De cualquier manera, la bravura es el resultado de un proceso evolutivo provocado por la lidia, que a partir de la innata agresividad del toro desemboca en la embestida y que esta se acople a una danza trágica enmarcada en los tres actos (tercios) de un arte escénico sorprendente, la lidia, abismal confluencia de dos actores cómplices de una misma coreografía, producto del arte del torero y la embestida del toro. Un acuerdo paradójico, pues mientras ambos se acoplan el torero quiere torear al toro y este quiere matar al torero. Por consiguiente, convertido el toro en su destino fatal, el torero debe matar y mata al amenazante destino. Pero este trágico argumento deviene fiesta porque la derrota del destino entraña la liberación del hombre que fue capaz en el ruedo de convertir la amenaza en belleza y de trasformar la peligrosísima suerte de de matar en catárquica liberación, la del torero y la de todos los espectadores solidarios con su letal situación en el ruedo. 

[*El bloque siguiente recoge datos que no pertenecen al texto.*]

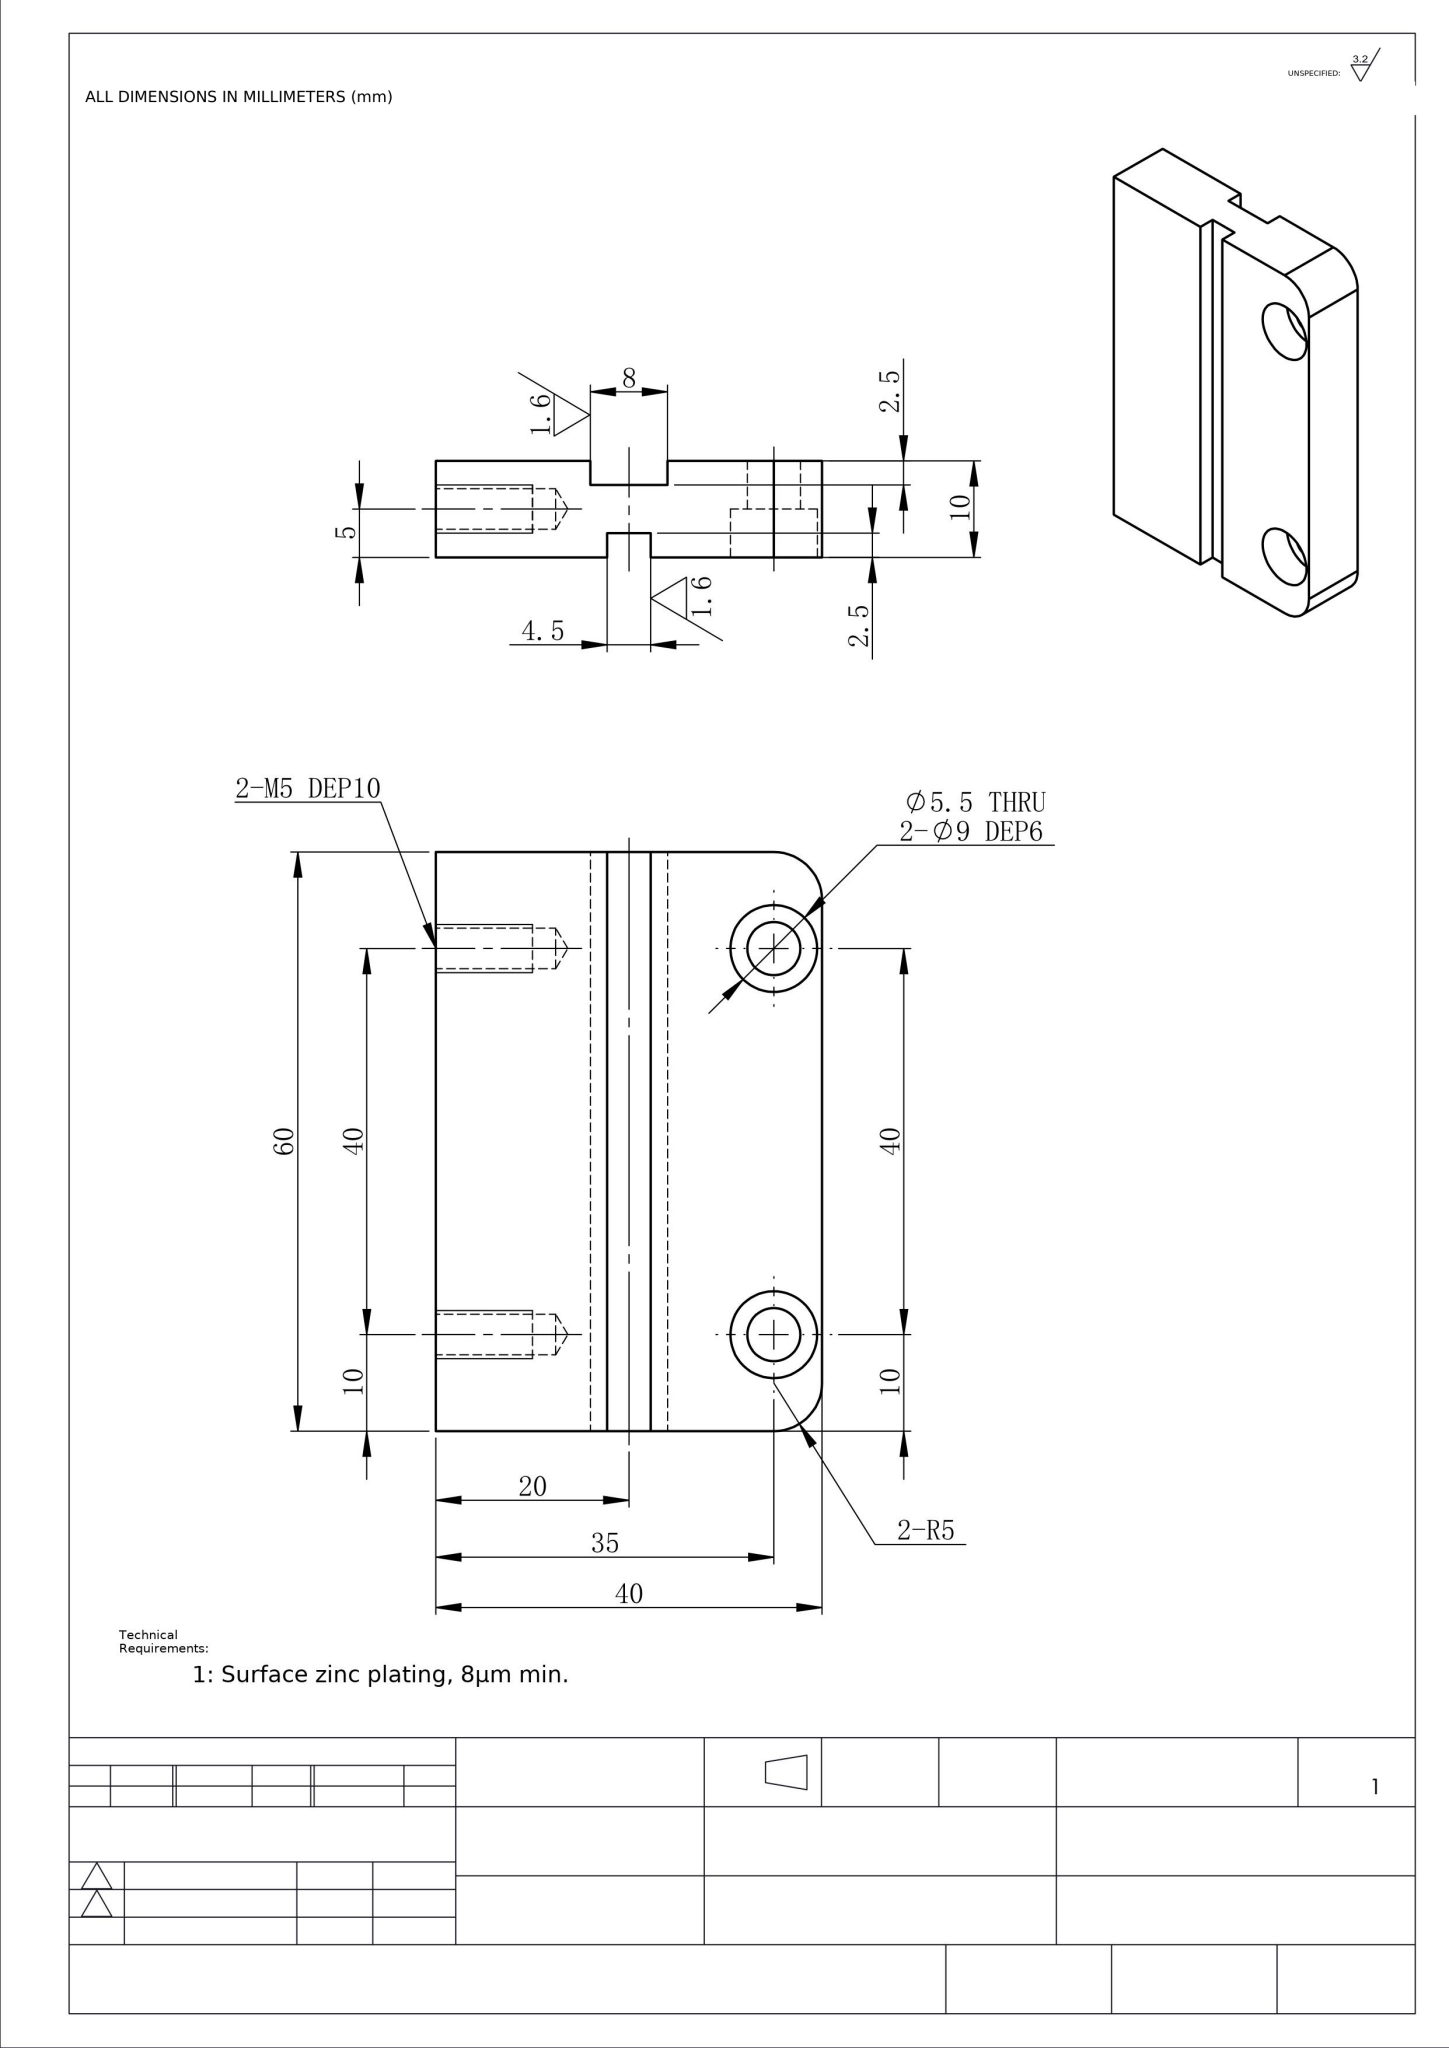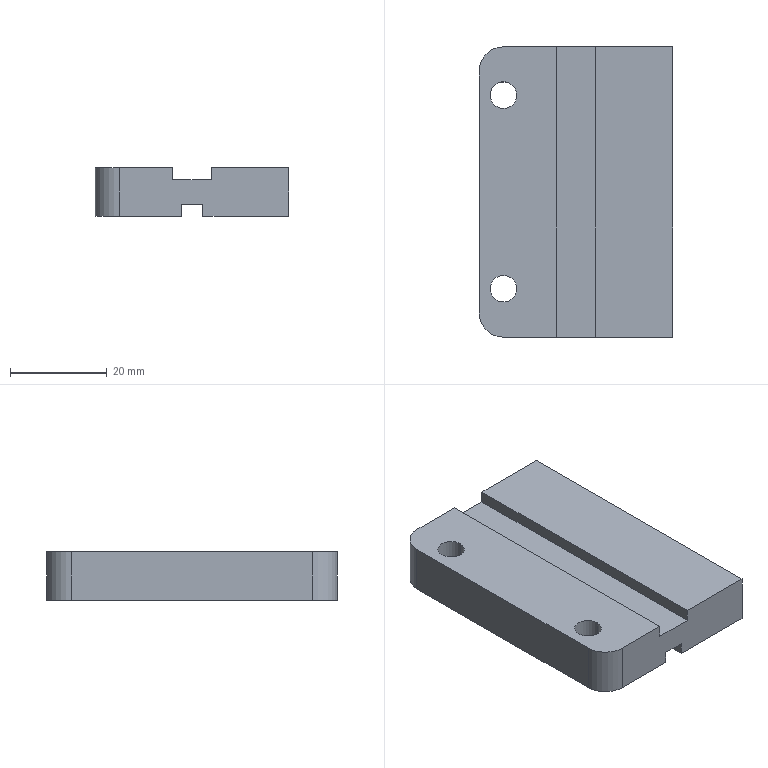Part | NX | mm | 1 solid | 34 faces | box 40 x 60 x 10 mm | volume 20789 mm3 | plane 16 | cylinder 14 | cone 4 | commonest cylinder face diameters 4.2 x4 5.5 x4 9 x4 10 x2
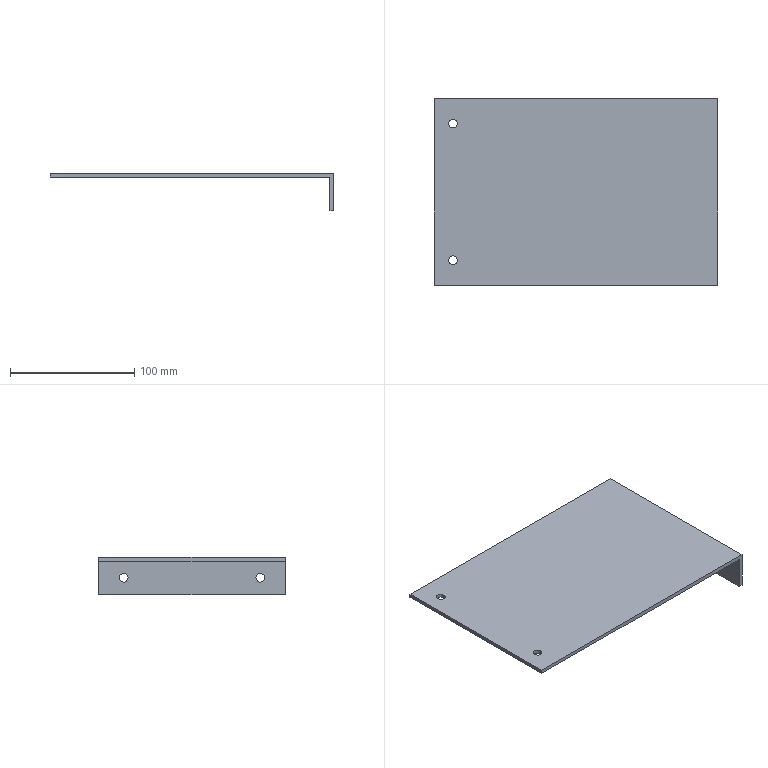Component | SolidWorks | LowerRightPlateBracket-1 | 1 solid | 16 faces | box 228 x 150 x 30 mm | volume 114288 mm3 | cylinder 8 | plane 8 | commonest cylinder face diameters 7 x8
build123d program:
from build123d import *

# Parameters (mm, degrees)
EXTRUDE_THIN1_DEPTH = 150
SKETCH3_R           = 3.5
CUT_EXTRUDE1_DEPTH  = 10
SKETCH4_R           = 3.5
CUT_EXTRUDE2_DEPTH  = 3


with BuildPart() as part:
    # Sketch2 → Extrude-Thin1 (new body)
    with BuildSketch(Plane.XY):
        Polygon((-68.157, 8.474), (-38.157, 8.474), (-38.157, -219.526), (-41.157, -219.526), (-41.157, 5.474), (-68.157, 5.474), align=None)
    extrude(amount=EXTRUDE_THIN1_DEPTH)

    # Sketch3 → Cut-Extrude1 (cut)
    with BuildSketch(Plane.ZY.offset(41.157)):
        with Locations(Location((20, -204.526, 0), (0, 0, 270))):
            Circle(SKETCH3_R)
        with Locations(Location((130, -204.526, 0), (0, 0, 270))):
            Circle(SKETCH3_R)
    extrude(amount=-CUT_EXTRUDE1_DEPTH, mode=Mode.SUBTRACT)

    # Sketch4 → Cut-Extrude2 (cut)
    with BuildSketch(Plane.XZ.offset(-5.474)):
        with Locations(Location((-54.657, 130, 0), (0, 0, 270))):
            Circle(SKETCH4_R)
        with Locations(Location((-54.657, 20, 0), (0, 0, 270))):
            Circle(SKETCH4_R)
    extrude(amount=-CUT_EXTRUDE2_DEPTH, mode=Mode.SUBTRACT)


solid = part.part

# Placed as in the assembly
solid = solid.moved(Location((754.977, -876.416, -330.362), (-90, 0, -90)))
STEP:
#1=CARTESIAN_POINT('',(30.057,-33.579,-15.158));
#2=VERTEX_POINT('',#1);
#3=CARTESIAN_POINT('',(30.057,-33.855,-15.158));
#4=VERTEX_POINT('',#3);
#5=CARTESIAN_POINT('',(30.057,-33.717,-15.158));
#6=DIRECTION('',(-1.,-0.,0.));
#7=DIRECTION('',(0.,-1.,0.));
#8=AXIS2_PLACEMENT_3D('',#5,#6,#7);
#9=CIRCLE('',#8,0.1378);
#10=EDGE_CURVE('',#2,#4,#9,.T.);
#11=ORIENTED_EDGE('',*,*,#10,.F.);
#12=CARTESIAN_POINT('',(29.939,-33.579,-15.158));
#13=VERTEX_POINT('',#12);
#14=CARTESIAN_POINT('',(30.057,-33.579,-15.158));
#15=DIRECTION('',(-1.,-0.,0.));
#16=VECTOR('',#15,39.37);
#17=LINE('',#14,#16);
#18=EDGE_CURVE('',#2,#13,#17,.T.);
#19=ORIENTED_EDGE('',*,*,#18,.T.);
#20=CARTESIAN_POINT('',(29.939,-33.855,-15.158));
#21=VERTEX_POINT('',#20);
#22=CARTESIAN_POINT('',(29.939,-33.717,-15.158));
#23=DIRECTION('',(-1.,-0.,0.));
#24=DIRECTION('',(0.,-1.,0.));
#25=AXIS2_PLACEMENT_3D('',#22,#23,#24);
#26=CIRCLE('',#25,0.1378);
#27=EDGE_CURVE('',#13,#21,#26,.T.);
#28=ORIENTED_EDGE('',*,*,#27,.T.);
#29=CARTESIAN_POINT('',(30.057,-33.855,-15.158));
#30=DIRECTION('',(-1.,-0.,0.));
#31=VECTOR('',#30,39.37);
#32=LINE('',#29,#31);
#33=EDGE_CURVE('',#4,#21,#32,.T.);
#34=ORIENTED_EDGE('',*,*,#33,.F.);
#35=EDGE_LOOP('',(#11,#19,#28,#34));
#36=FACE_OUTER_BOUND('',#35,.T.);
#37=CARTESIAN_POINT('',(30.057,-33.717,-15.158));
#38=DIRECTION('',(-1.,-0.,0.));
#39=DIRECTION('',(0.,-1.,0.));
#40=AXIS2_PLACEMENT_3D('',#37,#38,#39);
#41=CYLINDRICAL_SURFACE('',#40,0.1378);
#42=ADVANCED_FACE('',(#36),#41,.F.);
#43=CARTESIAN_POINT('',(30.057,-29.249,-15.158));
#44=VERTEX_POINT('',#43);
#45=CARTESIAN_POINT('',(30.057,-29.524,-15.158));
#46=VERTEX_POINT('',#45);
#47=CARTESIAN_POINT('',(30.057,-29.386,-15.158));
#48=DIRECTION('',(-1.,-0.,0.));
#49=DIRECTION('',(0.,-1.,0.));
#50=AXIS2_PLACEMENT_3D('',#47,#48,#49);
#51=CIRCLE('',#50,0.1378);
#52=EDGE_CURVE('',#44,#46,#51,.T.);
#53=ORIENTED_EDGE('',*,*,#52,.F.);
#54=CARTESIAN_POINT('',(29.939,-29.249,-15.158));
#55=VERTEX_POINT('',#54);
#56=CARTESIAN_POINT('',(30.057,-29.249,-15.158));
#57=DIRECTION('',(-1.,-0.,0.));
#58=VECTOR('',#57,39.37);
#59=LINE('',#56,#58);
#60=EDGE_CURVE('',#44,#55,#59,.T.);
#61=ORIENTED_EDGE('',*,*,#60,.T.);
#62=CARTESIAN_POINT('',(29.939,-29.524,-15.158));
#63=VERTEX_POINT('',#62);
#64=CARTESIAN_POINT('',(29.939,-29.386,-15.158));
#65=DIRECTION('',(-1.,-0.,0.));
#66=DIRECTION('',(0.,-1.,0.));
#67=AXIS2_PLACEMENT_3D('',#64,#65,#66);
#68=CIRCLE('',#67,0.1378);
#69=EDGE_CURVE('',#55,#63,#68,.T.);
#70=ORIENTED_EDGE('',*,*,#69,.T.);
#71=CARTESIAN_POINT('',(30.057,-29.524,-15.158));
#72=DIRECTION('',(-1.,-0.,0.));
#73=VECTOR('',#72,39.37);
#74=LINE('',#71,#73);
#75=EDGE_CURVE('',#46,#63,#74,.T.);
#76=ORIENTED_EDGE('',*,*,#75,.F.);
#77=EDGE_LOOP('',(#53,#61,#70,#76));
#78=FACE_OUTER_BOUND('',#77,.T.);
#79=CARTESIAN_POINT('',(30.057,-29.386,-15.158));
#80=DIRECTION('',(-1.,-0.,0.));
#81=DIRECTION('',(0.,-1.,0.));
#82=AXIS2_PLACEMENT_3D('',#79,#80,#81);
#83=CYLINDRICAL_SURFACE('',#82,0.1378);
#84=ADVANCED_FACE('',(#78),#83,.F.);
#85=CARTESIAN_POINT('',(21.533,-29.386,-14.509));
#86=VERTEX_POINT('',#85);
#87=CARTESIAN_POINT('',(21.809,-29.386,-14.509));
#88=VERTEX_POINT('',#87);
#89=CARTESIAN_POINT('',(21.671,-29.386,-14.509));
#90=DIRECTION('',(0.,-0.,1.));
#91=DIRECTION('',(1.,0.,0.));
#92=AXIS2_PLACEMENT_3D('',#89,#90,#91);
#93=CIRCLE('',#92,0.1378);
#94=EDGE_CURVE('',#86,#88,#93,.T.);
#95=ORIENTED_EDGE('',*,*,#94,.T.);
#96=CARTESIAN_POINT('',(21.809,-29.386,-14.627));
#97=VERTEX_POINT('',#96);
#98=CARTESIAN_POINT('',(21.809,-29.386,-14.233));
#99=DIRECTION('',(-0.,0.,-1.));
#100=VECTOR('',#99,39.37);
#101=LINE('',#98,#100);
#102=EDGE_CURVE('',#88,#97,#101,.T.);
#103=ORIENTED_EDGE('',*,*,#102,.T.);
#104=CARTESIAN_POINT('',(21.533,-29.386,-14.627));
#105=VERTEX_POINT('',#104);
#106=CARTESIAN_POINT('',(21.671,-29.386,-14.627));
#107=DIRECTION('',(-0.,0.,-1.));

La idéntica y repetida historia del hombre y el toro en la arena siempre es distinta porque el toro siempre es distinto, distinto el toreo requerido y distinta la evolución de la trama. La lidia, inaudito arte escénico protagonizado por el hombre y el animal, tiene tres lecturas simultáneas, la etológica, que revela el diferente comportamiento de cada toro descubierto por el toreo, la mítica, que restaura el mito fundacional del primer combate del héroe humano con el agresivo caos primordial encarnado por el toro, y la artística, que exige belleza a la victoria del hombre sobre su destino. Del destino, o sea del toro, tratan estas líneas (no del torero, protagonista de la lidia, de cuya historia me ocuparé otro día) que constatan cómo la corrida es una representación en la cual lo real persiste bajo el manto imaginario (teatral) que lo envuelve. Y gracias a esa inversión en la que lo real subyace a la única realidad que importa, la imaginaria (el actor toro muere de verdad y de verdad a veces muere el actor torero o cae herido), la bravura es el principio de individuación el toro, la que le otorga un nombre propio, la que por sus hechos puede ser recordado en los libros de la historia de la tauromaquia, la que lo eleva de su condición animal a la de un ser mítico, donante de gloria o de muerte, calibre de hombres, juez de su arte, fiscal de su valor, respetado y admirado agresor, noble unas veces, diabólico otras, al que el torero, humano actor de la lidia, siempre, mal o bien, debe vencer.

La lidia otorga derechos al toro, y derechos y prohibiciones al torero. Pues el toro de lidia es, en el ruedo, algo más que un animal. En el ruedo pierde su entidad zootécnica, solo importa la identidad de su bravura, el alma taurina que le confiere el toreo. Por eso persiste el ancestral hijo del Uro, evolucionado en toro de lidia. Por eso, antiguamente ocupaba grandes espacios inaccesibles. Por eso ahora habita cuatrocientas mil hectáreas del suelo peninsular, su reino protegido solo por los ganaderos, hombres del campo en los enigmáticos países de la piel de toro. Y sobre todo por una vieja y vigente querencia: la de torear.